9.4 Each party agrees that it will safeguard the confidentiality of the Confidential Information supplied by the other party and that it will observe the same due care with respect to such information as they would observe with respect to its own Confidential Information. The other party shall not sell, copy and/or distribute in any way Confidential Information to third parties, without de disclosing party’s prior written consent, which consent may be granted or withheld in such party’s sole and absolute discretion.

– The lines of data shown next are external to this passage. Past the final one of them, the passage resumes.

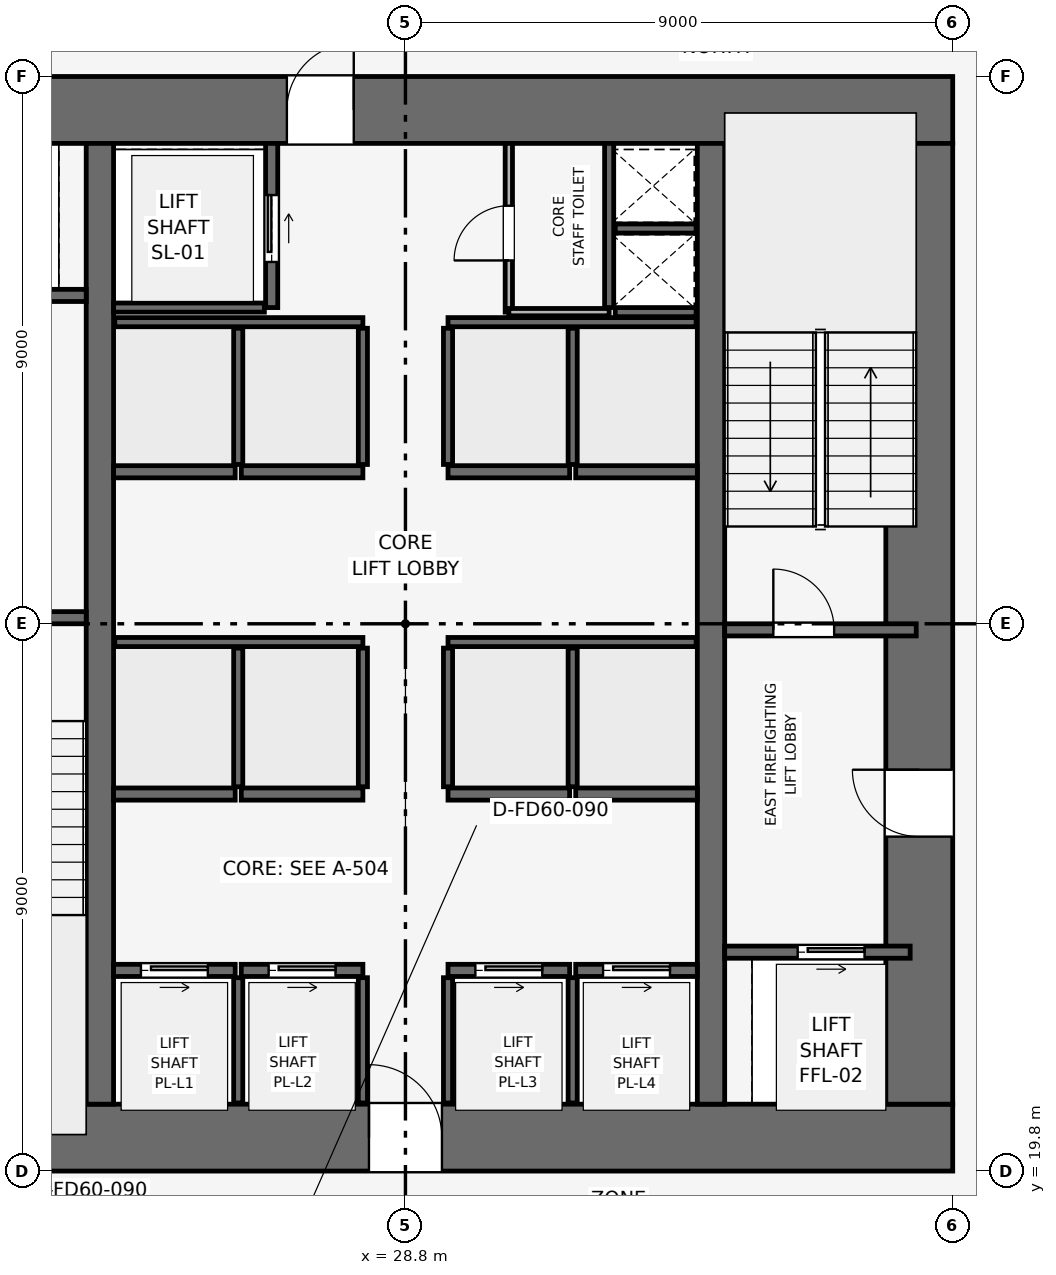
"""IFC4 building model, lengths in metres.
Left out: names, types, materials, properties, quantities, classifications, styles, units other than length and angle.
Written with IfcOpenShell. Run it as: python <this file> out.ifc"""

import sys

from ifc_helpers import new_model, si_unit, direction, frame, frame_2d, origin, place, context, subcontext, project, spatial, rectangle, extrude, element, fill, save


model = new_model("IFC4")
c1 = context("Model", 3, precision=1e-05, world=origin(), true_north=direction((0.0, 1.0)))
c2 = subcontext(c1, "Body", "Model", "MODEL_VIEW")
j1 = project(units=[si_unit("LENGTHUNIT", "METRE"), si_unit("PLANEANGLEUNIT", "RADIAN")], contexts=[c1])
p1 = place(None, origin())
s1 = spatial("IfcSite", under=j1, at=p1, CompositionType="ELEMENT")
p2 = place(p1, origin())
s2 = spatial("IfcBuilding", under=s1, at=p2, CompositionType="ELEMENT")
p3 = place(p2, frame((0.0, 0.0, 65.1)))
s3 = spatial("IfcBuildingStorey", under=s2, at=p3, CompositionType="ELEMENT", Elevation=65.1)
p4 = place(p3, frame((19.8, 20.35, 0.0), z_axis=(0.0, 0.0, 1.0), x_axis=(1.0, 0.0, 0.0)))
e1 = element("IfcWall", 1, at=p4, inside=s3, PredefinedType="SHEAR", context=c2, shape_type="SweptSolid", body=[
    extrude(rectangle(XDim=18.0, YDim=1.1, at=frame_2d((9.0, 0.0))), origin(), (0.0, 0.0, 1.0), 3.9),
])
p5 = place(p4, frame((8.4, 0.0, 0.0)))
e2 = element("IfcOpeningElement", 2, at=p5, cuts=e1, PredefinedType="OPENING", context=c2, shape_type="SweptSolid", body=[
    extrude(rectangle(XDim=1.2, YDim=2.2, at=frame_2d((0.6, 1.1))), frame((0.0, 0.56, 0.0), z_axis=(0.0, -1.0, 0.0), x_axis=(1.0, 0.0, 0.0)), (0.0, 0.0, 1.0), 1.12),
])
p6 = place(p3, frame((19.8, 37.25, 0.0), z_axis=(0.0, 0.0, 1.0), x_axis=(1.0, 0.0, 0.0)))
e3 = element("IfcWall", 3, at=p6, inside=s3, PredefinedType="SHEAR", context=c2, shape_type="SweptSolid", body=[
    extrude(rectangle(XDim=18.0, YDim=1.1, at=frame_2d((9.0, 0.0))), origin(), (0.0, 0.0, 1.0), 3.9),
])
p7 = place(p6, frame((7.05, 0.0, 0.0)))
e4 = element("IfcOpeningElement", 4, at=p7, cuts=e3, PredefinedType="OPENING", context=c2, shape_type="SweptSolid", body=[
    extrude(rectangle(XDim=1.1, YDim=2.15, at=frame_2d((0.55, 1.075))), frame((0.0, 0.56, 0.0), z_axis=(0.0, -1.0, 0.0), x_axis=(1.0, 0.0, 0.0)), (0.0, 0.0, 1.0), 1.12),
])
p8 = place(p3, frame((37.25, 20.9, 0.0), z_axis=(0.0, 0.0, 1.0), x_axis=(0.0, 1.0, 0.0)))
e5 = element("IfcWall", 5, at=p8, inside=s3, PredefinedType="SHEAR", context=c2, shape_type="SweptSolid", body=[
    extrude(rectangle(XDim=15.8, YDim=1.1, at=frame_2d((7.9, 0.0))), origin(), (0.0, 0.0, 1.0), 3.9),
])
p9 = place(p8, frame((4.4, 0.0, 0.0)))
e6 = element("IfcOpeningElement", 6, at=p9, cuts=e5, PredefinedType="OPENING", context=c2, shape_type="SweptSolid", body=[
    extrude(rectangle(XDim=1.1, YDim=2.15, at=frame_2d((0.55, 1.075))), frame((0.0, 0.56, 0.0), z_axis=(0.0, -1.0, 0.0), x_axis=(1.0, 0.0, 0.0)), (0.0, 0.0, 1.0), 1.12),
])
for number, where, z_axis, x_axis in (
    (7, (23.775, 20.9, 0.0), (0.0, 0.0, 1.0), (0.0, 1.0, 0.0)),
    (8, (33.825, 20.9, 0.0), (0.0, 0.0, 1.0), (0.0, 1.0, 0.0)),
):
    element("IfcWall", number, at=place(p3, frame(where, z_axis=z_axis, x_axis=x_axis)), inside=s3, PredefinedType="SHEAR", context=c2, shape_type="SweptSolid", body=[
        extrude(rectangle(XDim=15.8, YDim=0.45, at=frame_2d((7.9, 0.0))), origin(), (0.0, 0.0, 1.0), 3.9),
    ])
p10 = place(p3, frame((20.4, 28.9, 0.0), z_axis=(0.0, 0.0, 1.0), x_axis=(1.0, 0.0, 0.0)))
e9 = element("IfcWall", 9, at=p10, inside=s3, PredefinedType="SHEAR", context=c2, shape_type="SweptSolid", body=[
    extrude(rectangle(XDim=3.15, YDim=0.2, at=frame_2d((1.575, 0.0))), origin(), (0.0, 0.0, 1.0), 3.65),
])
p11 = place(p10, frame((0.8, 0.0, 0.0)))
e10 = element("IfcOpeningElement", 10, at=p11, cuts=e9, PredefinedType="OPENING", context=c2, shape_type="SweptSolid", body=[
    extrude(rectangle(XDim=1.0, YDim=2.1, at=frame_2d((0.5, 1.05))), frame((0.0, 0.11, 0.0), z_axis=(0.0, -1.0, 0.0), x_axis=(1.0, 0.0, 0.0)), (0.0, 0.0, 1.0), 0.22),
])
p12 = place(p3, frame((34.05, 28.7, 0.0), z_axis=(0.0, 0.0, 1.0), x_axis=(1.0, 0.0, 0.0)))
e11 = element("IfcWall", 11, at=p12, inside=s3, PredefinedType="SHEAR", context=c2, shape_type="SweptSolid", body=[
    extrude(rectangle(XDim=3.15, YDim=0.2, at=frame_2d((1.575, 0.0))), origin(), (0.0, 0.0, 1.0), 3.65),
])
p13 = place(p12, frame((0.8, 0.0, 0.0)))
e12 = element("IfcOpeningElement", 12, at=p13, cuts=e11, PredefinedType="OPENING", context=c2, shape_type="SweptSolid", body=[
    extrude(rectangle(XDim=1.0, YDim=2.1, at=frame_2d((0.5, 1.05))), frame((0.0, 0.11, 0.0), z_axis=(0.0, -1.0, 0.0), x_axis=(1.0, 0.0, 0.0)), (0.0, 0.0, 1.0), 0.22),
])
p14 = place(p3, frame((32.15, 34.0, 0.0), z_axis=(0.0, 0.0, 1.0), x_axis=(0.0, 1.0, 0.0)))
e13 = element("IfcWall", 13, at=p14, inside=s3, PredefinedType="SHEAR", context=c2, shape_type="SweptSolid", body=[
    extrude(rectangle(XDim=2.7, YDim=0.15, at=frame_2d((1.35, 0.0))), origin(), (0.0, 0.0, 1.0), 3.65),
])
for number, where, z_axis, x_axis in (
    (14, (32.25, 33.925, 0.0), (0.0, 0.0, 1.0), (1.0, 0.0, 0.0)),
    (15, (32.25, 35.3, 0.0), (0.0, 0.0, 1.0), (1.0, 0.0, 0.0)),
):
    element("IfcWall", number, at=place(p3, frame(where, z_axis=z_axis, x_axis=x_axis)), inside=s3, PredefinedType="SHEAR", context=c2, shape_type="SweptSolid", body=[
        extrude(rectangle(XDim=1.33, YDim=0.15, at=frame_2d((0.665, 0.0))), origin(), (0.0, 0.0, 1.0), 3.65),
    ])
p15 = place(p3, frame((20.5, 34.2, 0.0), z_axis=(0.0, 0.0, 1.0), x_axis=(1.0, 0.0, 0.0)))
e16 = element("IfcWall", 16, at=p15, inside=s3, PredefinedType="SHEAR", context=c2, shape_type="SweptSolid", body=[
    extrude(rectangle(XDim=3.05, YDim=0.2, at=frame_2d((1.525, 0.0))), origin(), (0.0, 0.0, 1.0), 3.65),
])
p16 = place(p15, frame((0.75, 0.0, 0.0)))
e17 = element("IfcOpeningElement", 17, at=p16, cuts=e16, PredefinedType="OPENING", context=c2, shape_type="SweptSolid", body=[
    extrude(rectangle(XDim=1.1, YDim=2.15, at=frame_2d((0.55, 1.075))), frame((0.0, 0.11, 0.0), z_axis=(0.0, -1.0, 0.0), x_axis=(1.0, 0.0, 0.0)), (0.0, 0.0, 1.0), 0.22),
])
p17 = place(p3, frame((34.05, 23.4, 0.0), z_axis=(0.0, 0.0, 1.0), x_axis=(1.0, 0.0, 0.0)))
e18 = element("IfcWall", 18, at=p17, inside=s3, PredefinedType="SHEAR", context=c2, shape_type="SweptSolid", body=[
    extrude(rectangle(XDim=3.05, YDim=0.2, at=frame_2d((1.525, 0.0))), origin(), (0.0, 0.0, 1.0), 3.65),
])
p18 = place(p17, frame((1.2, 0.0, 0.0)))
e19 = element("IfcOpeningElement", 19, at=p18, cuts=e18, PredefinedType="OPENING", context=c2, shape_type="SweptSolid", body=[
    extrude(rectangle(XDim=1.1, YDim=2.15, at=frame_2d((0.55, 1.075))), frame((0.0, 0.11, 0.0), z_axis=(0.0, -1.0, 0.0), x_axis=(1.0, 0.0, 0.0)), (0.0, 0.0, 1.0), 0.22),
])
p19 = place(p3, frame((26.6, 34.0, 0.0), z_axis=(0.0, 0.0, 1.0), x_axis=(0.0, 1.0, 0.0)))
e20 = element("IfcWall", 20, at=p19, inside=s3, PredefinedType="SHEAR", context=c2, shape_type="SweptSolid", body=[
    extrude(rectangle(XDim=2.7, YDim=0.2, at=frame_2d((1.35, 0.0))), origin(), (0.0, 0.0, 1.0), 3.65),
])
p20 = place(p19, frame((0.75, 0.0, 0.0)))
e21 = element("IfcOpeningElement", 21, at=p20, cuts=e20, PredefinedType="OPENING", context=c2, shape_type="SweptSolid", body=[
    extrude(rectangle(XDim=1.1, YDim=2.15, at=frame_2d((0.55, 1.075))), frame((0.0, 0.11, 0.0), z_axis=(0.0, -1.0, 0.0), x_axis=(1.0, 0.0, 0.0)), (0.0, 0.0, 1.0), 0.22),
])
p21 = place(p3, frame((24.0, 34.0, 0.0), z_axis=(0.0, 0.0, 1.0), x_axis=(1.0, 0.0, 0.0)))
e22 = element("IfcWall", 22, at=p21, inside=s3, PredefinedType="SHEAR", context=c2, shape_type="SweptSolid", body=[
    extrude(rectangle(XDim=2.48, YDim=0.15, at=frame_2d((1.24, 0.0))), origin(), (0.0, 0.0, 1.0), 3.65),
])
p22 = place(p3, frame((24.0, 23.1, 0.0), z_axis=(0.0, 0.0, 1.0), x_axis=(1.0, 0.0, 0.0)))
e23 = element("IfcWall", 23, at=p22, inside=s3, PredefinedType="SHEAR", context=c2, shape_type="SweptSolid", body=[
    extrude(rectangle(XDim=2.0, YDim=0.2, at=frame_2d((1.0, 0.0))), origin(), (0.0, 0.0, 1.0), 3.65),
])
p23 = place(p22, frame((0.45, 0.0, 0.0)))
e24 = element("IfcOpeningElement", 24, at=p23, cuts=e23, PredefinedType="OPENING", context=c2, shape_type="SweptSolid", body=[
    extrude(rectangle(XDim=1.1, YDim=2.15, at=frame_2d((0.55, 1.075))), frame((0.0, 0.11, 0.0), z_axis=(0.0, -1.0, 0.0), x_axis=(1.0, 0.0, 0.0)), (0.0, 0.0, 1.0), 0.22),
])
p24 = place(p3, frame((26.1, 23.1, 0.0), z_axis=(0.0, 0.0, 1.0), x_axis=(1.0, 0.0, 0.0)))
e25 = element("IfcWall", 25, at=p24, inside=s3, PredefinedType="SHEAR", context=c2, shape_type="SweptSolid", body=[
    extrude(rectangle(XDim=2.0, YDim=0.2, at=frame_2d((1.0, 0.0))), origin(), (0.0, 0.0, 1.0), 3.65),
])
p25 = place(p24, frame((0.45, 0.0, 0.0)))
e26 = element("IfcOpeningElement", 26, at=p25, cuts=e25, PredefinedType="OPENING", context=c2, shape_type="SweptSolid", body=[
    extrude(rectangle(XDim=1.1, YDim=2.15, at=frame_2d((0.55, 1.075))), frame((0.0, 0.11, 0.0), z_axis=(0.0, -1.0, 0.0), x_axis=(1.0, 0.0, 0.0)), (0.0, 0.0, 1.0), 0.22),
])
p26 = place(p3, frame((29.5, 23.1, 0.0), z_axis=(0.0, 0.0, 1.0), x_axis=(1.0, 0.0, 0.0)))
e27 = element("IfcWall", 27, at=p26, inside=s3, PredefinedType="SHEAR", context=c2, shape_type="SweptSolid", body=[
    extrude(rectangle(XDim=2.0, YDim=0.2, at=frame_2d((1.0, 0.0))), origin(), (0.0, 0.0, 1.0), 3.65),
])
p27 = place(p26, frame((0.45, 0.0, 0.0)))
e28 = element("IfcOpeningElement", 28, at=p27, cuts=e27, PredefinedType="OPENING", context=c2, shape_type="SweptSolid", body=[
    extrude(rectangle(XDim=1.1, YDim=2.15, at=frame_2d((0.55, 1.075))), frame((0.0, 0.11, 0.0), z_axis=(0.0, -1.0, 0.0), x_axis=(1.0, 0.0, 0.0)), (0.0, 0.0, 1.0), 0.22),
])
p28 = place(p3, frame((31.6, 23.1, 0.0), z_axis=(0.0, 0.0, 1.0), x_axis=(1.0, 0.0, 0.0)))
e29 = element("IfcWall", 29, at=p28, inside=s3, PredefinedType="SHEAR", context=c2, shape_type="SweptSolid", body=[
    extrude(rectangle(XDim=2.0, YDim=0.2, at=frame_2d((1.0, 0.0))), origin(), (0.0, 0.0, 1.0), 3.65),
])
p29 = place(p28, frame((0.45, 0.0, 0.0)))
e30 = element("IfcOpeningElement", 30, at=p29, cuts=e29, PredefinedType="OPENING", context=c2, shape_type="SweptSolid", body=[
    extrude(rectangle(XDim=1.1, YDim=2.15, at=frame_2d((0.55, 1.075))), frame((0.0, 0.11, 0.0), z_axis=(0.0, -1.0, 0.0), x_axis=(1.0, 0.0, 0.0)), (0.0, 0.0, 1.0), 0.22),
])
for number, where, z_axis, x_axis in (
    (31, (24.0, 26.0, 0.0), (0.0, 0.0, 1.0), (1.0, 0.0, 0.0)),
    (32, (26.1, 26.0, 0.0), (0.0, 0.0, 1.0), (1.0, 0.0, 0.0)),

9.5 Each party agrees that it will restrict the circle of employees or third parties it retains who have access to the other party’s Confidential Information as much as possible and provide such access only on a need to know basis and after binding such employees and third parties to the same level of confidentiality as set forth in this Agreement.
9.6 Immediately following the receipt of a written request to this effect by the disclosing party the receiving party will return any and all Confidential Information received from the disclosing party or destroy such Confidential Information, if the disclosing party so requests.
9.7 Boska has the right to use the knowledge it has gained through the performance of any order or agreement for any and all purposes, provided that Confidential Information of Customer is not disclosed to third parties.
Article 10 - Force Majeure
Boska will not be liable for any delay in performing or failure to perform any of its obligations under an order or an agreement caused by events beyond its reasonable control. Boska will notify Customer promptly in writing of the reasons for the delay or stoppage (and the likely duration) and will take all reasonable steps to overcome the delay or stoppage.
Article 11. Applicable Law and Jurisdiction
Unless stated otherwise in writing, all orders, agreements and in general the business relationship between Boska and Customer, shall be governed by and construed in accordance with the laws of the state of New York, without giving effect to the United Nations Convention on the Contracts for the International Sale of Goods. With respect to any disputes arising between the parties, parties hereby submit exclusively to the personal jurisdiction of the Federal courts in New York, New York. The parties consent and agree that each such court is a convenient forum for, and has proper venue over, the resolution of all legal actions, proceedings and disputes arising out of or relating to their relationship. ANY CAUSE OF ACTION AGAINST BOSKA, REGARDLESS WHETHER IN CONTRACT, TORT OR OTHERWISE, MUST COMMENCE WITHIN ONE (1) YEAR AFTER THE CAUSE OF ACTION ACCRUES. OTHERWISE, SUCH CAUSE OF ACTION IS PERMANENTLY BARRED.